3 In our prayers for you we always thank God, the Father of our Lord Jesus Christ, 4 for we have heard of your faith in Christ Jesus and of the love that you have for all the saints, 5 because of the hope laid up for you in heaven. You have heard of this hope before in the word of the truth, the gospel 6 that has come to you. Just as it is bearing fruit and growing in the whole world, so it has been bearing fruit among yourselves from the day you heard it and truly comprehended the grace of God. 7 This you learned from Epaphras, our beloved fellow servant. He is a faithful minister of Christ on your behalf, 8 and he has made known to us your love in the Spirit. (NRSV)
Here Paul reviews his relationship to the Colossian church. This relationship is mediated by Paul’s “fellow servant” (literally, fellow “slave”) of Christ, Epaphras, the member of Paul’s missionary team who seems to have been the first to share the gospel with the Colossians. Indeed, from Col. 2.1, it seems that Paul has never met the Colossians face-to-face. From Col. 4.12 we learn that Epaphras is “one of” the Colossians. However, it is not clear exactly what that means. In context, it could mean simply that Epaphras is a gentile (see 4.11). Or, it could mean that he is a leader in the Colossian church, or a native of Colossae, or both. From 4.13 we further learn that Epaphras’s work has been focused on the three cities of Colossae, Laodicea, and Hieropolis. In Philemon 23 we learn also that Epaphras was in prison with Paul (see also Col. 4.10 and 18).
Ultimately, then, Paul’s relationship to the Colossians is founded on the gospel. He knows of them and is concerned for them because they have responded to the gospel, as shared by Epaphras. He is thankful for their faith in Christ, and for their love for all the saints (1.4). This love for their fellow saints is an expression of their faith, deriving from “the hope laid up for [them] in heaven,” which they have learned about previously when they first heard “the word of truth, the gospel” (1.5). Interestingly, we see here the three so-called “theological virtues” that Paul famously mentions in 1 Cor. 13. Here, however, ‘hope’ does not refer to an attitude that the Colossians will have in heaven (as we might have hope here and now), but rather to some object set aside for them in heaven, the thing they will receive in heaven, and which they now hope for. Thus, it is the object of their present hope that is “laid up” for them in heaven.

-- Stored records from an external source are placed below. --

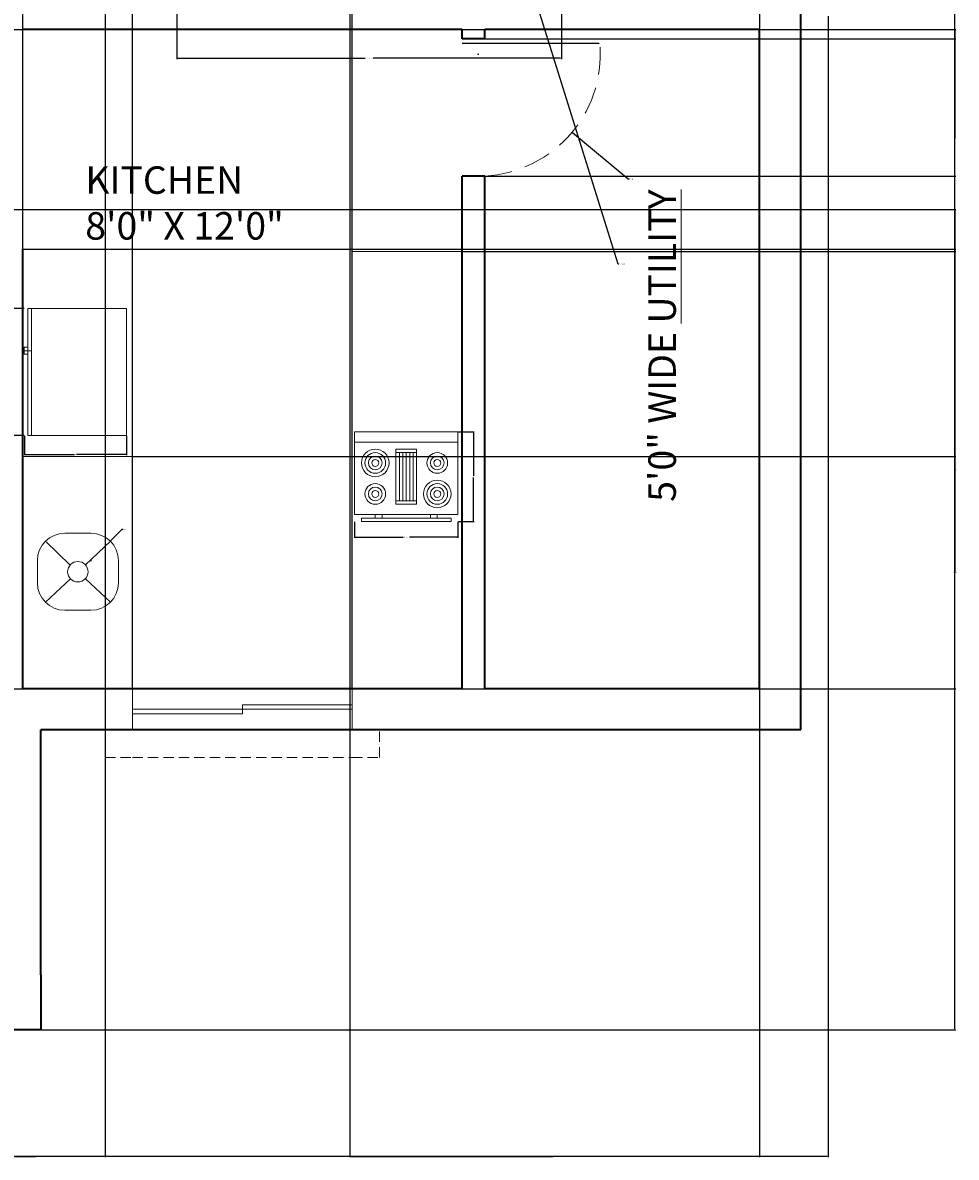
# Model space of a CAD drawing. Units: inches. Extents: x 6662 to 7211, y 5077 to 5683.
# Tile 4 of 9: x 7007 to 7211, y 5077 to 5325. Entities that reach past the tile are written whole.
import ezdxf

# ---------------------------------------------------------------- set-up
doc = ezdxf.new("R2010")
doc.units = ezdxf.units.IN
doc.header["$LTSCALE"] = 3
doc.header["$MEASUREMENT"] = 0
doc.linetypes.add('HIDDEN', pattern=[0.375, 0.25, -0.125])
for name, color, linetype, lineweight in [('A-ANNO-DIMS', 2, 'Continuous', 18), ('A-AREA-IDEN', 7, 'Continuous', 18), ('A-DOOR', 4, 'Continuous', 25), ('A-DOOR-HIDN', 4, 'HIDDEN', 13), ('A-EQPM', 8, 'Continuous', 18), ('A-FLOR-CASE', 8, 'Continuous', 20), ('A-FLOR-CASE-PATT', 241, 'Continuous', 13), ('A-FLOR-FIXT', 8, 'Continuous', 18), ('A-GLAZ', 4, 'Continuous', 18), ('A-GLAZ-OVHD', 4, 'HIDDEN', 13), ('A-WALL', 7, 'Continuous', 35)]:
    doc.layers.add(name, color=color, linetype=linetype, lineweight=lineweight)
doc.styles.get("Standard").update_dxf_attribs({"font": 'arial.ttf'})
doc.dimstyles.get("Standard").update_dxf_attribs({"dimtxt": 0.18, "dimasz": 0.18, "dimexe": 0.18, "dimexo": 0.0625, "dimgap": 0.09, "dimtad": 0, "dimtih": 1, "dimtoh": 1, "dimdec": 4, "dimzin": 0, "dimdsep": 46, "dimtxsty": 'Standard', "dimcen": 0.09, "dimadec": 0, "dimazin": 0, "dimtfac": 1, "dimtdec": 4, "dimtofl": 0, "dimtmove": 0, "dimatfit": 3, "dimfxl": 1, "dimtolj": 1, "dimtzin": 0, "dimarcsym": 0})

# ---------------------------------------------------------------- blocks, each defined once
blk = doc.blocks.new('Range-Oven - 30 in top')
for p, q in [((0, -3), (30, -3)), ((12, -6), (18, -6)), ((13, -20), (13, -6)), ((14, -6), (14, -20)), ((15, -20), (15, -6)), ((16, -6), (16, -20)), ((17, -20), (17, -6)), ((18, -20), (12, -20)), ((6, -24), (6, -25)), ((8, -25), (8, -24)), ((22, -25), (22, -24)), ((24, -24), (24, -25))]:
    blk.add_line(p, q)
for points in [[(0, -24), (0, 0), (30, 0), (30, -24)], [(12, -21), (12, -5), (18, -5), (18, -21)], [(2, -26), (2, -25), (28, -25), (28, -26)]]:
    blk.add_lwpolyline(points, close=True)
for centre, radius in [((6, -9), 4), ((6, -9), 3), ((24, -9), 3), ((6, -9), 2), ((6, -9), 1), ((24, -9), 2), ((24, -9), 1), ((6, -18), 3), ((6, -18), 2), ((24, -18), 4), ((24, -18), 3), ((24, -18), 2), ((6, -18), 1), ((24, -18), 1)]:
    blk.add_circle(centre, radius)
blk = doc.blocks.new('Refrigerator-2 door - 36 in top')
for p, q in [((0, -26.999999), (36, -26.999999)), ((11, -27.999999), (11, -28.999999)), ((12, -26.999999), (12, -28.999999)), ((13, -28.999999), (13, -27.999999)), ((11, -28.999999), (13, -28.999999))]:
    blk.add_line(p, q)
blk.add_lwpolyline([(0, -27.999999), (0, 0), (36, 0), (36, -27.999999)], close=True)
blk = doc.blocks.new('*D28')
at = {"layer": 'A-ANNO-DIMS', "color": 0, "lineweight": -2, "ltscale": 3, "transparency": 16777216}
for p, q in [((7040.57, 5329.37), (7040.57, 5316.65)), ((7124.57, 5329.37), (7124.57, 5316.65)), ((7040.75, 5316.83), (7081.66, 5316.83)), ((7124.39, 5316.83), (7083.47, 5316.83))]:
    blk.add_line(p, q, dxfattribs=at)
at = {"layer": 'A-ANNO-DIMS', "color": 0, "ltscale": 3, "transparency": 16777216}
for points in [[(7040.75, 5316.86), (7040.75, 5316.8), (7040.57, 5316.83)], [(7124.39, 5316.86), (7124.39, 5316.8), (7124.57, 5316.83)]]:
    blk.add_solid(points, dxfattribs=at)
at = {"layer": 'Defpoints', "color": 0, "ltscale": 3, "transparency": 16777216}
for p in [(7040.57, 5329.43), (7124.57, 5329.43), (7040.57, 5316.83)]:
    blk.add_point(p, dxfattribs=at)
at = {"layer": 'A-ANNO-DIMS', "color": 0, "ltscale": 3, "transparency": 16777216, "insert": (7082.57, 5316.83), "char_height": 0.18, "attachment_point": 5}
blk.add_mtext('\\A1;SOFA 84 TYP.', dxfattribs=at)
blk = doc.blocks.new('*D34')
at = {"layer": 'A-ANNO-DIMS', "color": 0, "lineweight": -2, "ltscale": 3, "transparency": 16777216}
for p, q in [((7079.39, 5215.56), (7079.39, 5212.05)), ((7101.96, 5215.56), (7101.96, 5212.05)), ((7079.57, 5212.23), (7089.98, 5212.23)), ((7101.78, 5212.23), (7091.37, 5212.23))]:
    blk.add_line(p, q, dxfattribs=at)
at = {"layer": 'A-ANNO-DIMS', "color": 0, "ltscale": 3, "transparency": 16777216}
for points in [[(7079.57, 5212.26), (7079.57, 5212.2), (7079.39, 5212.23)], [(7101.78, 5212.26), (7101.78, 5212.2), (7101.96, 5212.23)]]:
    blk.add_solid(points, dxfattribs=at)
at = {"layer": 'Defpoints', "color": 0, "ltscale": 3, "transparency": 16777216}
for p in [(7079.39, 5215.62), (7101.96, 5215.62), (7101.96, 5212.23)]:
    blk.add_point(p, dxfattribs=at)
at = {"layer": 'A-ANNO-DIMS', "color": 0, "ltscale": 3, "transparency": 16777216, "insert": (7090.67, 5212.23), "char_height": 0.18, "attachment_point": 5}
blk.add_mtext('\\A1;RANGE 23', dxfattribs=at)
blk = doc.blocks.new('*D35')
at = {"layer": 'A-ANNO-DIMS', "color": 0, "lineweight": -2, "ltscale": 3, "transparency": 16777216}
for p, q in [((7102.02, 5235.18), (7105.53, 5235.18)), ((7105.35, 5235), (7105.35, 5225.58)), ((7105.35, 5215.8), (7105.35, 5225.22)), ((7102.02, 5215.62), (7105.53, 5215.62))]:
    blk.add_line(p, q, dxfattribs=at)
at = {"layer": 'A-ANNO-DIMS', "color": 0, "ltscale": 3, "transparency": 16777216}
for points in [[(7105.32, 5235), (7105.38, 5235), (7105.35, 5235.18)], [(7105.32, 5215.8), (7105.38, 5215.8), (7105.35, 5215.62)]]:
    blk.add_solid(points, dxfattribs=at)
at = {"layer": 'Defpoints', "color": 0, "ltscale": 3, "transparency": 16777216}
for p in [(7101.96, 5235.18), (7105.35, 5235.18), (7101.96, 5215.62)]:
    blk.add_point(p, dxfattribs=at)
at = {"layer": 'A-ANNO-DIMS', "color": 0, "ltscale": 3, "transparency": 16777216, "insert": (7105.35, 5225.4), "char_height": 0.18, "attachment_point": 5}
blk.add_mtext('\\A1;20', dxfattribs=at)
blk = doc.blocks.new('*D36')
at = {"layer": 'A-ANNO-DIMS', "color": 0, "lineweight": -2, "ltscale": 3, "transparency": 16777216}
for p, q in [((7007.15, 5262.16), (7002.88, 5262.16)), ((7003.06, 5261.98), (7003.06, 5248.48)), ((7003.06, 5234.61), (7003.06, 5248.11)), ((7007.15, 5234.43), (7002.88, 5234.43))]:
    blk.add_line(p, q, dxfattribs=at)
at = {"layer": 'A-ANNO-DIMS', "color": 0, "ltscale": 3, "transparency": 16777216}
for points in [[(7003.03, 5261.98), (7003.09, 5261.98), (7003.06, 5262.16)], [(7003.03, 5234.61), (7003.09, 5234.61), (7003.06, 5234.43)]]:
    blk.add_solid(points, dxfattribs=at)
at = {"layer": 'Defpoints', "color": 0, "ltscale": 3, "transparency": 16777216}
for p in [(7007.22, 5262.16), (7003.06, 5234.43), (7007.22, 5234.43)]:
    blk.add_point(p, dxfattribs=at)
at = {"layer": 'A-ANNO-DIMS', "color": 0, "ltscale": 3, "transparency": 16777216, "insert": (7003.06, 5248.29), "char_height": 0.18, "attachment_point": 5}
blk.add_mtext('\\A1;REFRIGERATOR 28', dxfattribs=at)
blk = doc.blocks.new('*D37')
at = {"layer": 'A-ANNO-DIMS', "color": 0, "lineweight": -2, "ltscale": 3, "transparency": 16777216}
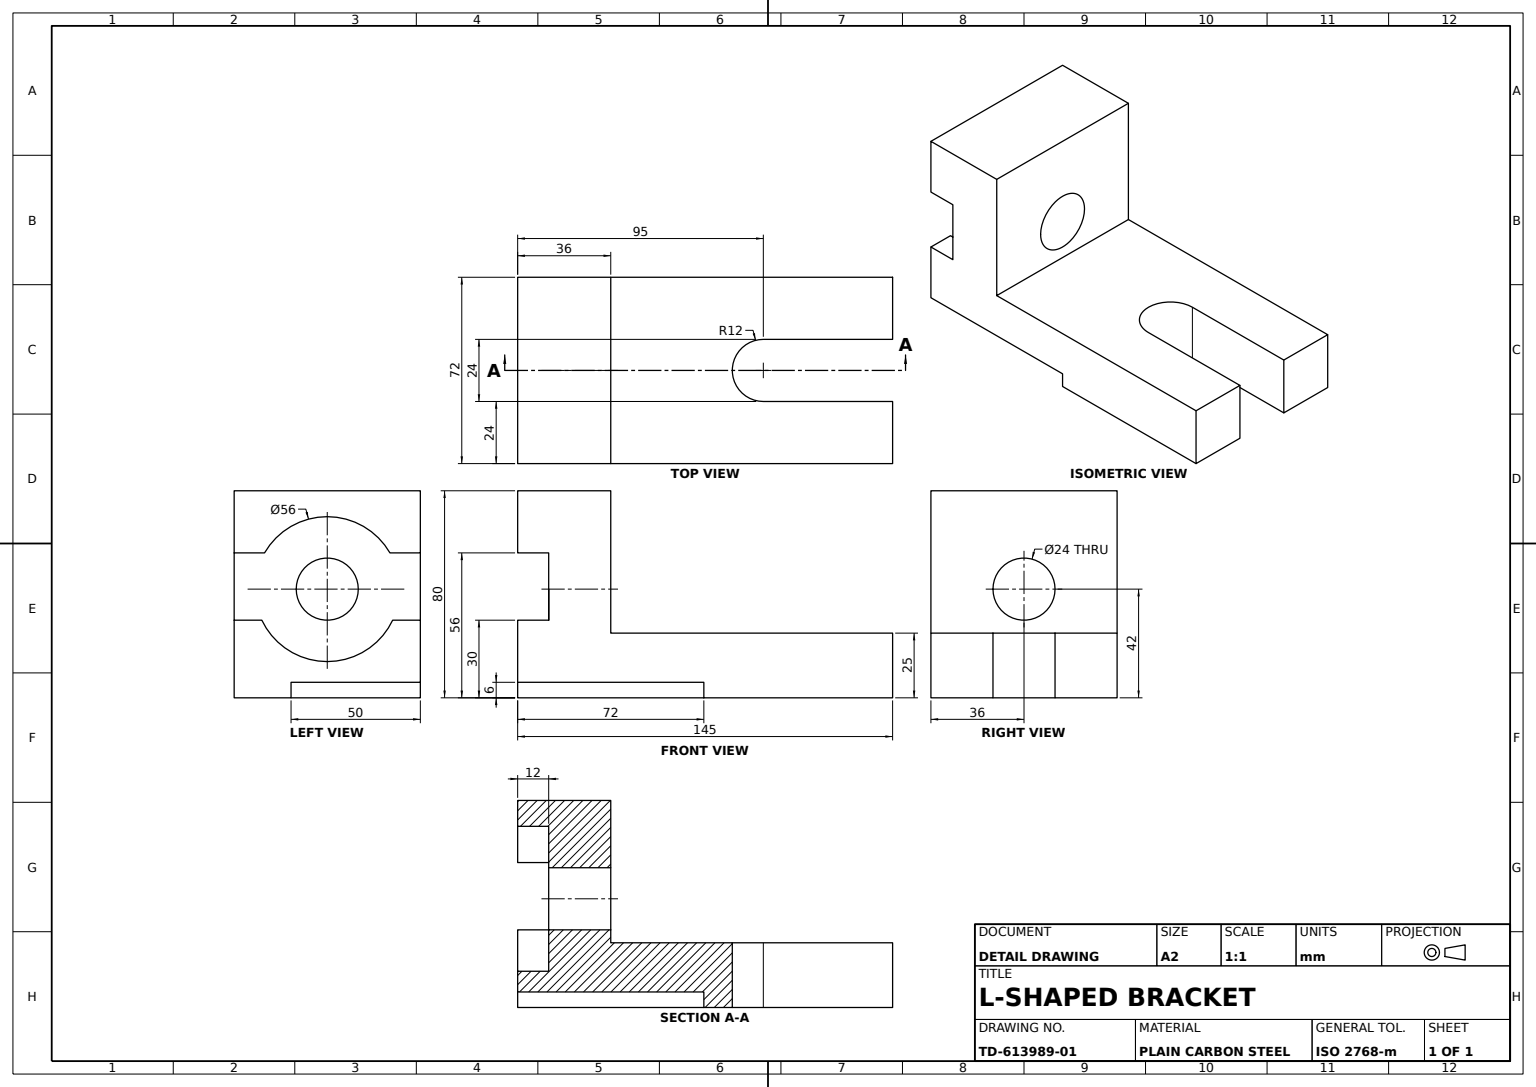
SolidWorks part; units mm, degrees
material "Plain Carbon Steel"
ref_plane "Front Plane" through (0, 0, 0) normal (0, 0, 1) x (1, 0, 0)
ref_plane "Top Plane" through (0, 0, 0) normal (0, 1, 0) x (1, 0, 0)
ref_plane "Right Plane" through (0, 0, 0) normal (1, 0, 0) x (0, 0, -1)
sketch "Base Plate Sketch 145x72" plane through (0, 0, 0) normal (0, 1, 0) x (1, 0, 0)
  line L1 (-72.5, -36) -> (72.5, -36)
  line L2 (-72.5, -36) -> (-72.5, 36)
  line L3 (-72.5, 36) -> (72.5, 36)
  line L4 (72.5, -36) -> (72.5, 36)
  line L5 (-72.5, -36) -> (72.5, 36) construction
  line L6 (-72.5, 36) -> (72.5, -36) construction
  point P0 (0, 0)
  dimension "D1" = 145
  dimension "D2" = 72
extrude "Base Plate 25 Thick" add sketch "Base Plate Sketch 145x72" along normal blind 25
sketch "Underside Relief Sketch" plane through (0, 0, 36) normal (0, 0, 1) x (1, 0, 0)
  line L1 (-72.5, 0) -> (-0.5, 0)
  line L2 (-72.5, 0) -> (-72.5, 6)
  line L3 (-72.5, 6) -> (-0.5, 6)
  line L4 (-0.5, 0) -> (-0.5, 6)
  dimension "D1" = 6
  dimension "D2" = 72
extrude "Underside Relief Cut" cut sketch "Underside Relief Sketch" against normal blind 50
sketch "Clevis Slot Sketch 24 Wide" plane through (0, 25, 0) normal (0, 1, 0) x (1, 0, 0)
  line L0 (72.5, -36) -> (72.5, 36) construction
  line L1 (22.5, 12) -> (72.5, 12)
  line L2 (72.5, 12) -> (72.5, -12)
  line L3 (72.5, -12) -> (22.5, -12)
  arc A0 (22.5, 12) -> (22.5, -12) centre (22.5, 0) ccw
  dimension "D1" = 24
  dimension "D2" = 50
  dimension "D3" = 36
extrude "Clevis Slot Cut" cut sketch "Clevis Slot Sketch 24 Wide" against normal blind 50
sketch "Locating Pad Sketch" plane through (0, 25, 0) normal (0, 1, 0) x (1, 0, 0)
  line L0 (-72.5, -36) -> (72.5, -36) construction
  line L1 (-72.5, 36) -> (-60.5, 36)
  line L2 (-72.5, 36) -> (-72.5, -36)
  line L3 (-72.5, -36) -> (-60.5, -36)
  line L4 (-60.5, 36) -> (-60.5, -36)
  dimension "D1" = 12
extrude "Locating Pad 5 High" add sketch "Locating Pad Sketch" along normal blind 5
sketch "Upright Block Profile Sketch" plane through (0, 0, 36) normal (0, 0, 1) x (1, 0, 0)
  line L0 (-60.5, 25) -> (-60.5, 56)
  line L1 (-60.5, 56) -> (-72.5, 56)
  line L2 (-72.5, 56) -> (-72.5, 80)
  line L3 (-72.5, 80) -> (-36.5, 80)
  line L4 (-36.5, 80) -> (-36.5, 25)
  line L5 (-60.5, 25) -> (72.5, 25) construction
  line L6 (-36.5, 25) -> (-60.5, 25)
  dimension "D1" = 31
  dimension "D2" = 12
  dimension "D3" = 24
  dimension "D4" = 36
extrude "Upright Block 72 Wide" add sketch "Upright Block Profile Sketch" against normal blind 72
sketch "Counterbore Sketch Ø36" plane through (-72.5, 0, 0) normal (-1, 0, 0) x (0, 0, 1)
  circle A0 centre (0, 42) radius 28
  dimension "D1" = 56
  dimension "D2" = 42
  dimension "D3" = 36
extrude "Counterbore Ø36x12" cut sketch "Counterbore Sketch Ø36" against normal blind 12
sketch "Cross Hole Sketch Ø24" plane through (-60.5, 0, 0) normal (-1, 0, 0) x (0, 0, 1)
  circle A0 centre (0, 42) radius 12
  dimension "D1" = 24
extrude "Cross Hole Ø24" cut sketch "Cross Hole Sketch Ø24" against normal through all

But, what is this thing hoped for? Col. 1.27 suggests that it is none other than “Christ in you, the hope of glory.” Paul’s point, then, in 1.4-5 is that the Colossians’ love for the saints is because of Christ, and his presence in them. This presence of Christ has stirred up a love for those with whom they share faith. Indeed, it seems Paul and Timothy—the writers and senders of this letter (1.1)—have also become objects of the Colossians’ love. I take it that the Colossians’ “love in the Spirit” (1.8) that Epaphras has made known to Paul and Timothy is simply the love that the Colossians have for Paul and Timothy. The phrase “in the Spirit” seems to mark two things. First, it seems to mark the fact that the Colossians love Paul and Timothy despite never having met them. This is like saying that you are with someone “in spirit”, even though you are not actually present with them. Second, it again seems to mark the idea that Christ’s mysterious presence with the Colossians, by the Holy Spirit, is the cause of their love for Paul and Timothy.
What can we learn from this passage? First, we can learn from Paul’s seeming aim. By reiterating his relationship to the Colossians—reminding them of the Colossians’ love for him, of his loving connection with Epaphras (“one of them”), and of how thankful he is for their faith—Paul seems to be smoothing the way for the correction that will come later in the letter (Col. 2.8-23). This is especially important since he has never met them face-to-face. We are reminded here that difficult truths are always easier to receive when they come from someone with whom we have a strong relationship. When hard truths do come from someone we are close to, we know that the words do not jeopardize our tie to the person. If it is strong, the relationship can weather the storm and come out stronger. This seems especially important for parents. In my experience, my correction of my children is most effective when my children are sure of my love for them, and that the correction does not in any way threaten my love or our ongoing relationship.
A second lesson from this passage, it seems to me, is that Christ’s presence stirs love for fellow followers of Christ. But, why is this? Perhaps as Christians we take on something of Christ’s love for his followers. As we are united with Christ—as Christ takes his place in us and with us, by his Spirit—we begin to think, feel, and act as he does, and so we take on his love for those that call him Lord. This fits with the further idea that the inward renewal that begins when we commit ourselves to Christ is a kind of taking on of the image of Christ, or a becoming like Christ. (This idea is also evident in Colossians; see 3.10.) If we are taking on Christ’s image and becoming like him—by the power of the in-dwelling Holy Spirit—then we will care about the things Christ cares about, which include his followers.